Relasi Kekuasaan dan Termul sebagai Simbol
Lebih dari sekadar ejekan, istilah ini mencerminkan relasi kuasa yang tidak seimbang. Ternak menggambarkan posisi yang dikendalikan, sedangkan Mulyono bisa dibaca sebagai simbol dari kekuatan yang mengatur arah gerak. Dalam konteks politik, itu bisa berarti siapa pun yang tunduk pada sistem kekuasaan dominan.
Namun apakah semua yang bekerja di bawah pemerintahan otomatis ternak? Tentu tidak sesederhana itu. Banyak pejabat yang tetap bekerja profesional tanpa harus terseret politik loyalitas. Justru, stigma seperti inilah yang membuat ruang dialog publik makin sempit.
Ketika Satire Menjadi Cermin
Pada akhirnya, istilah Ternak Mulyono bisa dibaca sebagai satire sosial—kritik atas fanatisme politik yang melampaui batas. Ia menyindir publik yang terlalu mudah memuja atau membenci tokoh politik tanpa berpikir kritis.
Dan menariknya, istilah ini mungkin tidak akan pernah benar-benar mati.
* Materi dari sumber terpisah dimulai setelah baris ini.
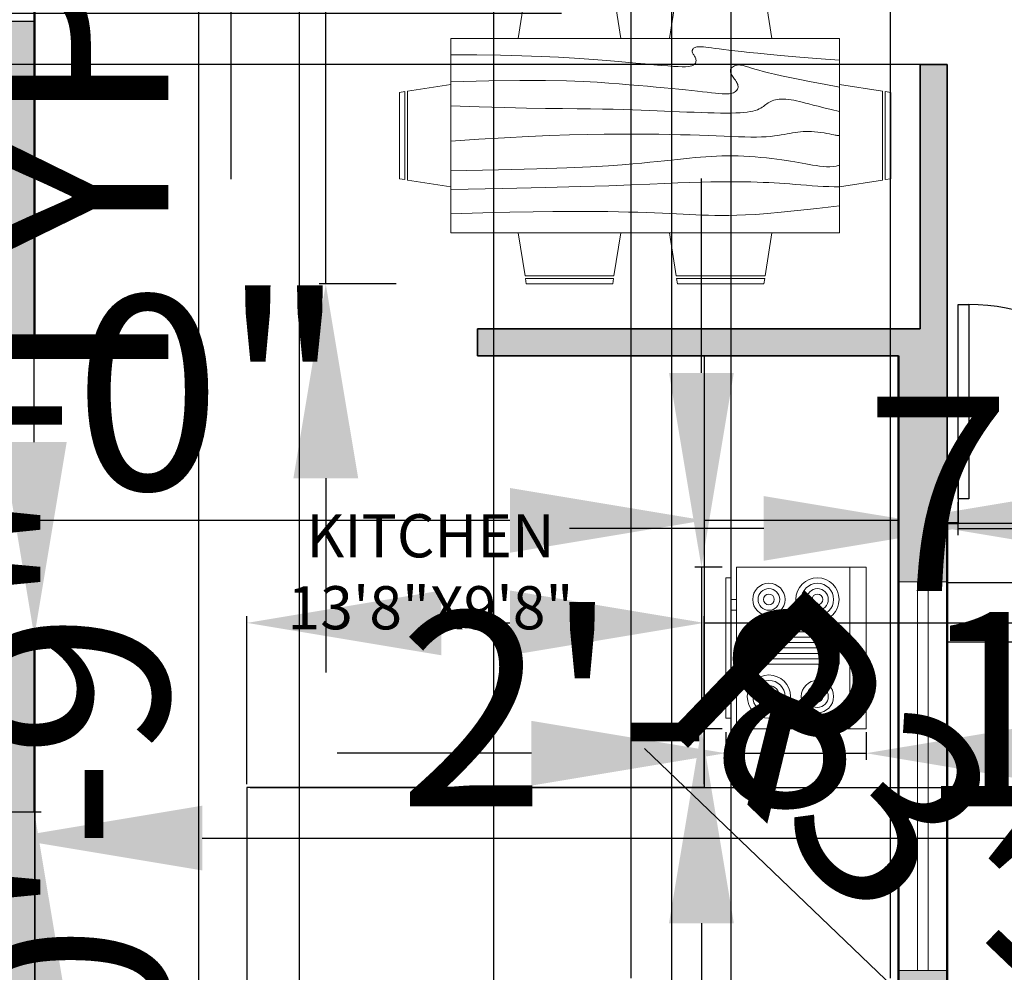
# Model space of a CAD drawing. Units: inches. Extents: x -299 to 1164, y -2 to 940.
# Tile 5 of 11: x 414 to 597, y 313 to 490. Entities that reach past the tile are written whole.
import ezdxf

# ---------------------------------------------------------------- set-up
doc = ezdxf.new("R2010")
doc.units = ezdxf.units.IN
for name, color, linetype, lineweight in [('A-AREA-IDEN', 3, 'Continuous', 25), ('A-EQPM', 8, 'Continuous', 18), ('A-FLOR-CASE', 7, 'Continuous', 25), ('A-FURN', 8, 'Continuous', 18), ('dimensions', 191, 'Continuous', 18), ('doors', 20, 'Continuous', 25), ('inner walls', 7, 'Continuous', 35), ('outer walls', 7, 'Continuous', 50), ('stairs', 6, 'Continuous', 25), ('windows', 130, 'Continuous', 18)]:
    doc.layers.add(name, color=color, linetype=linetype, lineweight=lineweight)
doc.layers.add('A-WALL-PATT', color=240, linetype='Continuous', lineweight=13, true_color=0xed1f24)
doc.styles.get("Standard").update_dxf_attribs({"font": 'arial.ttf'})
doc.dimstyles.new('ISO-25', dxfattribs={"dimtxt": 36, "dimasz": 36, "dimexe": 1.25, "dimexo": 0.625, "dimtad": 1, "dimlunit": 3, "dimtxsty": 'Standard', "dimcen": 2.5, "dimazin": 0, "dimtfac": 1, "dimtmove": 0, "dimatfit": 3, "dimfxl": 1, "dimarcsym": 0})

# ---------------------------------------------------------------- blocks, each defined once
blk = doc.blocks.new('Dining Set - 36 x 72 in.')
for p, q in [((-22, 27.5), (-22.1562, 26.50042)), ((-22, 27.5), (-6, 27.5)), ((-5.8437, 26.49966), (-6, 27.5)), ((6, 27.5), (5.8438, 26.50042)), ((6, 27.5), (22, 27.5)), ((22.1563, 26.49966), (22, 27.5)), ((-22.2343, 26.00059), (-23.4847, 17.99762)), ((-22.2304, 26), (-5.7608, 26)), ((-5.8416, 26.5), (-22.1534, 26.5)), ((-4.5152, 17.99762), (-5.7655, 25.99926)), ((5.7657, 26.00059), (4.5153, 17.99762)), ((5.7696, 26), (22.2392, 26)), ((22.1584, 26.5), (5.8466, 26.5)), ((23.4848, 17.99762), (22.2345, 25.99926)), ((36, 18), (-36, 18)), ((-36, 18), (-36, -18)), ((36, -18), (36, 18)), ((-44.0006, 8.23428), (-35.9976, 9.48474)), ((44.0006, 8.23428), (35.9976, 9.48474)), ((-45.5, 8), (-44.5004, 8.15617)), ((-45.5, 8), (-45.5, -8)), ((-44.5, -8.15843), (-44.5, 8.15338)), ((-44, 8.23041), (-44, -8.23915)), ((44, 8.23041), (44, -8.23915)), ((44.5, -8.15843), (44.5, 8.15338)), ((45.5, 8), (44.5005, 8.15617)), ((45.5, 8), (45.5, -8)), ((-44.4997, -8.15631), (-45.5, -8)), ((-35.9976, -9.48476), (-43.9993, -8.2345)), ((35.9976, -9.48476), (43.9993, -8.2345)), ((44.4997, -8.15631), (45.5, -8)), ((-36, -18), (36, -18)), ((-22.2343, -26.0006), (-23.4847, -17.99762)), ((-4.5152, -17.99762), (-5.7655, -25.99928)), ((5.7657, -26.0006), (4.5153, -17.99762)), ((23.4848, -17.99762), (22.2345, -25.99928)), ((-22.2304, -26), (-5.7608, -26)), ((-22, -27.5), (-22.1562, -26.50044)), ((-5.8416, -26.5), (-22.1534, -26.5)), ((-5.8437, -26.49967), (-6, -27.5)), ((5.7696, -26), (22.2392, -26)), ((6, -27.5), (5.8438, -26.50044)), ((22.1584, -26.5), (5.8466, -26.5)), ((22.1563, -26.49967), (22, -27.5)), ((-22, -27.5), (-6, -27.5)), ((6, -27.5), (22, -27.5))]:
    blk.add_line(p, q)
for points in [[(-36, 15), (-31.1772, 14.97754), (-26.8079, 14.91406), (-22.8538, 14.81543), (-19.276, 14.6875), (-16.0362, 14.53613), (-13.0957, 14.36718), (-10.4159, 14.18652), (-7.9583, 14), (-5.6904, 13.81315), (-3.6035, 13.63021), (-1.6954, 13.45508), (0.0365, 13.29166), (1.5945, 13.14388), (2.9811, 13.01562), (4.1988, 12.9108), (5.25, 12.83333), (6.1393, 12.78613), (6.8802, 12.76823), (7.4883, 12.77767), (7.9792, 12.8125), (8.3685, 12.87077), (8.6719, 12.95052), (8.9049, 13.0498), (9.0833, 13.16666), (9.2205, 13.29899), (9.3216, 13.44401), (9.3895, 13.59879), (9.4271, 13.76041), (9.4373, 13.92594), (9.4232, 14.09245), (9.3875, 14.257), (9.3333, 14.41666), (9.2638, 14.56917), (9.1836, 14.71484), (9.0975, 14.85465), (9.0104, 14.98958), (8.9272, 15.1206), (8.8529, 15.2487), (8.7922, 15.37483), (8.75, 15.5), (8.7305, 15.62467), (8.7344, 15.74739), (8.7617, 15.86621), (8.8125, 15.97916), (8.8867, 16.08431), (8.9844, 16.17968), (9.1055, 16.26334), (9.25, 16.33333), (9.4189, 16.38802), (9.6172, 16.42708), (9.8506, 16.45052), (10.125, 16.45833), (10.4463, 16.45052), (10.8203, 16.42708), (11.2529, 16.38802), (11.75, 16.33333), (12.3184, 16.26318), (12.9694, 16.17838), (13.7151, 16.07991), (14.5677, 15.96875), (15.5395, 15.84586), (16.6426, 15.71224), (17.8893, 15.56884), (19.2917, 15.41666), (20.859, 15.25667), (22.5879, 15.08984), (24.4721, 14.91715), (26.5052, 14.73958), (28.6809, 14.5581), (30.9929, 14.3737), (33.4347, 14.18733), (36, 14)], [(-36, 10), (-28.9766, 10.14274), (-23.1725, 10.20442), (-18.4241, 10.19775), (-14.5677, 10.13541), (-11.4399, 10.03011), (-8.877, 9.89453), (-6.7154, 9.74137), (-4.7917, 9.58333), (-2.9698, 9.43082), (-1.2246, 9.28515), (0.4415, 9.14534), (2.026, 9.01041), (3.5266, 8.87939), (4.9408, 8.7513), (6.266, 8.62516), (7.5, 8.5), (8.6411, 8.37549), (9.6914, 8.2539), (10.6538, 8.13818), (11.5312, 8.03125), (12.3267, 7.93603), (13.043, 7.85547), (13.6831, 7.79248), (14.25, 7.75), (14.7471, 7.7303), (15.1797, 7.73307), (15.5537, 7.75732), (15.875, 7.80208), (16.1494, 7.86637), (16.3828, 7.94922), (16.5811, 8.04964), (16.75, 8.16666), (16.8944, 8.29915), (17.0143, 8.44531), (17.1089, 8.60319), (17.1771, 8.77083), (17.218, 8.94629), (17.2305, 9.1276), (17.2137, 9.31282), (17.1667, 9.5), (17.0895, 9.6875), (16.987, 9.875), (16.8649, 10.0625), (16.7292, 10.25), (16.5856, 10.4375), (16.4401, 10.625), (16.2985, 10.8125), (16.1667, 11), (16.05, 11.18733), (15.9518, 11.3737), (15.8752, 11.5581), (15.8229, 11.73958), (15.798, 11.91715), (15.8034, 12.08984), (15.842, 12.25667), (15.9167, 12.41666), (16.0295, 12.56836), (16.1784, 12.70833), (16.3605, 12.83268), (16.5729, 12.9375), (16.8127, 13.01888), (17.0768, 13.07291), (17.3625, 13.0957), (17.6667, 13.08333), (17.9894, 13.03312), (18.3418, 12.94726), (18.7382, 12.82918), (19.1927, 12.68229), (19.7195, 12.51001), (20.3327, 12.31575), (21.0465, 12.10294), (21.875, 11.875), (22.8357, 11.63354), (23.959, 11.37304), (25.2786, 11.08618), (26.8282, 10.76562), (28.6414, 10.40405), (30.752, 9.99414), (33.1936, 9.52856), (36, 9)], [(-36, 5.5), (-30.7157, 5.3348), (-26.069, 5.20963), (-21.9946, 5.11767), (-18.4271, 5.05208), (-15.3009, 5.00602), (-12.5508, 4.97265), (-10.1112, 4.94515), (-7.9167, 4.91666), (-5.909, 4.88167), (-4.0586, 4.83984), (-2.3429, 4.79215), (-0.7396, 4.73958), (0.7739, 4.6831), (2.22, 4.6237), (3.6213, 4.56233), (5, 4.5), (6.373, 4.43782), (7.7344, 4.3776), (9.0723, 4.32129), (10.375, 4.27083), (11.6309, 4.22819), (12.8281, 4.19531), (13.9551, 4.17415), (15, 4.16666), (15.954, 4.17448), (16.819, 4.19791), (17.6001, 4.23698), (18.3021, 4.29166), (18.9299, 4.36198), (19.4883, 4.44791), (19.9823, 4.54948), (20.4167, 4.66666), (20.7969, 4.79899), (21.1302, 4.94401), (21.4245, 5.09879), (21.6875, 5.26041), (21.9271, 5.42594), (22.1511, 5.59245), (22.3672, 5.757), (22.5834, 5.91666), (22.8065, 6.06868), (23.0404, 6.21093), (23.2879, 6.34147), (23.5521, 6.45833), (23.8358, 6.55957), (24.142, 6.64323), (24.4735, 6.70735), (24.8334, 6.75), (25.2235, 6.76969), (25.642, 6.76692), (26.0858, 6.74267), (26.5521, 6.69791), (27.0379, 6.63362), (27.5404, 6.55078), (28.0565, 6.45036), (28.5834, 6.33333), (29.1242, 6.19987), (29.7071, 6.04687), (30.3661, 5.87044), (31.1354, 5.66666), (32.0493, 5.43164), (33.142, 5.16146), (34.4475, 4.85221), (36, 4.5)], [(-36, -1), (-30.7915, -0.6591), (-26.0195, -0.38216), (-21.6519, -0.16284), (-17.6563, 0.00521), (-14.0005, 0.12833), (-10.6523, 0.21289), (-7.5796, 0.26522), (-4.75, 0.29166), (-2.134, 0.29793), (0.2878, 0.28711), (2.5317, 0.26163), (4.6146, 0.22396), (6.5529, 0.17651), (8.3633, 0.12174), (10.0623, 0.06209), (11.6667, 0), (13.1899, -0.06201), (14.6341, -0.1211), (15.9982, -0.17432), (17.2813, -0.21875), (18.4823, -0.25147), (19.6003, -0.26953), (20.6343, -0.27002), (21.5834, -0.25), (22.4481, -0.20768), (23.2357, -0.14584), (23.9549, -0.06836), (24.6146, 0.02083), (25.2235, 0.11784), (25.7904, 0.21875), (26.3241, 0.31966), (26.8334, 0.41666), (27.3265, 0.50618), (27.8099, 0.58593), (28.2894, 0.65397), (28.7709, 0.70833), (29.2601, 0.74707), (29.763, 0.76823), (30.2855, 0.76985), (30.8334, 0.75), (31.4088, 0.70784), (31.9994, 0.64713), (32.589, 0.57275), (33.1615, 0.48958), (33.7008, 0.4025), (34.1908, 0.3164), (34.6153, 0.23616), (34.9584, 0.16666), (35.2099, 0.11165), (35.3848, 0.07031), (35.504, 0.04069), (35.5886, 0.02083), (35.6594, 0.00879), (35.7377, 0.0026), (35.8442, 0.00032), (36, 0)], [(-36, -6.5), (-27.1843, -6.31267), (-20.084, -6.1263), (-14.469, -5.9419), (-10.1094, -5.76042), (-6.7752, -5.58285), (-4.2363, -5.41016), (-2.2629, -5.24333), (-0.625, -5.08334), (0.8708, -4.93099), (2.2715, -4.78646), (3.5872, -4.64974), (4.8281, -4.52084), (6.0046, -4.39974), (7.127, -4.28646), (8.2053, -4.18099), (9.25, -4.08334), (10.2705, -3.99382), (11.2734, -3.91407), (12.2647, -3.84603), (13.25, -3.79167), (14.2354, -3.75293), (15.2266, -3.73177), (16.2295, -3.73015), (17.25, -3.75), (18.2912, -3.79248), (19.3451, -3.85547), (20.4009, -3.93604), (21.4479, -4.03125), (22.4754, -4.13819), (23.4727, -4.25391), (24.4289, -4.37549), (25.3334, -4.5), (26.1785, -4.62492), (26.9694, -4.74935), (27.7145, -4.87281), (28.4219, -4.99479), (29.1, -5.11483), (29.7572, -5.23242), (30.4016, -5.34709), (31.0417, -5.45834), (31.6837, -5.56437), (32.3262, -5.65821), (32.9658, -5.73153), (33.599, -5.77604), (34.2224, -5.78345), (34.8327, -5.74545), (35.4264, -5.65373), (36, -5.5)], [(-36, -10), (-26.4022, -9.81299), (-18.4675, -9.62891), (-11.9839, -9.45069), (-6.7396, -9.28125), (-2.5226, -9.12354), (0.8789, -8.98047), (3.6769, -8.85498), (6.0833, -8.75), (8.2767, -8.66765), (10.3021, -8.60677), (12.1712, -8.56543), (13.8958, -8.54167), (15.4876, -8.53353), (16.9583, -8.53907), (18.3197, -8.55632), (19.5834, -8.58334), (20.7616, -8.61841), (21.8685, -8.66081), (22.9188, -8.71004), (23.9271, -8.76563), (24.9081, -8.82707), (25.8763, -8.89388), (26.8465, -8.96558), (27.8334, -9.04167), (28.8474, -9.12118), (29.8828, -9.20117), (30.93, -9.27824), (31.9792, -9.34896), (33.0205, -9.40991), (34.0443, -9.45768), (35.0407, -9.48885), (36, -9.5)], [(-36, -14.5), (-30.0881, -14.33513), (-25.0332, -14.21224), (-20.7312, -14.12647), (-17.0781, -14.07292), (-13.97, -14.04671), (-11.3027, -14.04297), (-8.9724, -14.05681), (-6.875, -14.08334), (-4.9224, -14.11833), (-3.0905, -14.16016), (-1.3709, -14.20785), (0.2448, -14.26042), (1.7647, -14.3169), (3.1973, -14.3763), (4.5507, -14.43767), (5.8333, -14.5), (7.0554, -14.5621), (8.235, -14.62175), (9.3922, -14.67652), (10.5469, -14.72396), (11.7192, -14.76164), (12.929, -14.78711), (14.1965, -14.79794), (15.5417, -14.79167), (16.9933, -14.76424), (18.6152, -14.70508), (20.4804, -14.60197), (22.6615, -14.44271), (25.2312, -14.21509), (28.2624, -13.9069), (31.8277, -13.50594), (36, -13)]]:
    blk.add_lwpolyline(points)
blk = doc.blocks.new('Range-Oven - 30 in top')
for p, q in [((0, -3), (30, -3)), ((12, -6), (18, -6)), ((13, -20), (13, -6)), ((14, -6), (14, -20)), ((15, -20), (15, -6)), ((16, -6), (16, -20)), ((17, -20), (17, -6)), ((18, -20), (12, -20)), ((6, -24), (6, -25)), ((8, -25), (8, -24)), ((22, -25), (22, -24)), ((24, -24), (24, -25))]:
    blk.add_line(p, q)
for points in [[(0, -24), (0, 0), (30, 0), (30, -24)], [(12, -21), (12, -5), (18, -5), (18, -21)], [(2, -26), (2, -25), (28, -25), (28, -26)]]:
    blk.add_lwpolyline(points, close=True)
for centre, radius in [((6, -9), 4), ((6, -9), 3), ((6, -9), 2), ((24, -9), 3), ((24, -9), 2), ((6, -9), 1), ((24, -9), 1), ((24, -18), 4), ((6, -18), 3), ((6, -18), 2), ((24, -18), 3), ((24, -18), 2), ((6, -18), 1), ((24, -18), 1)]:
    blk.add_circle(centre, radius)
blk = doc.blocks.new('WIN-72IN')
for p, q in [((0, 5.5), (72, 5.5)), ((0, 3.5), (72, 3.5))]:
    blk.add_line(p, q)
blk.add_lwpolyline([(0, 0), (72, 0), (72, 9), (0, 9)], close=True)
blk = doc.blocks.new('DOOR-36IN')
blk.add_lwpolyline([(0, 36), (2, 36), (2, 0), (0, 0)], close=True)
blk.add_arc((2.32, 2.25), 33.75, 356.1776, 90.5492)
blk = doc.blocks.new('*D25')
at = {"layer": 'Defpoints', "color": 0, "transparency": 16777216}
for p in [(443.65, 597.1), (453.38, 597.1), (443.65, 532.21)]:
    blk.add_point(p, dxfattribs=at)
at = {"layer": 'dimensions', "color": 0, "lineweight": -2, "transparency": 16777216}
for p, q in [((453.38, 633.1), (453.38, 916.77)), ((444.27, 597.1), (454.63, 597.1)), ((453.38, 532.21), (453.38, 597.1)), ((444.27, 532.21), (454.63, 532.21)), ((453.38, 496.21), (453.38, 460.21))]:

Ia akan terus muncul setiap kali publik merasa ada ketimpangan, ada kelompok yang dianggap terlalu dominan, atau ada aroma kekuasaan yang menekan logika.
Siapa yang Sebenarnya Dikendalikan?
Barangkali pertanyaan terakhir yang paling penting bukanlah siapa Ternak Mulyono itu, tapi apakah kita sendiri sedang menjadi bagian dari ternak yang lebih besar—ternak yang dikendalikan oleh media, algoritma, dan permainan opini yang tidak kita sadari.
Karena jika benar politik sudah menjadi panggung hiburan, maka rakyat hanyalah penonton setia yang tertawa di tengah sandiwara, tanpa sadar sedang dikendalikan oleh naskah yang ditulis entah oleh siapa.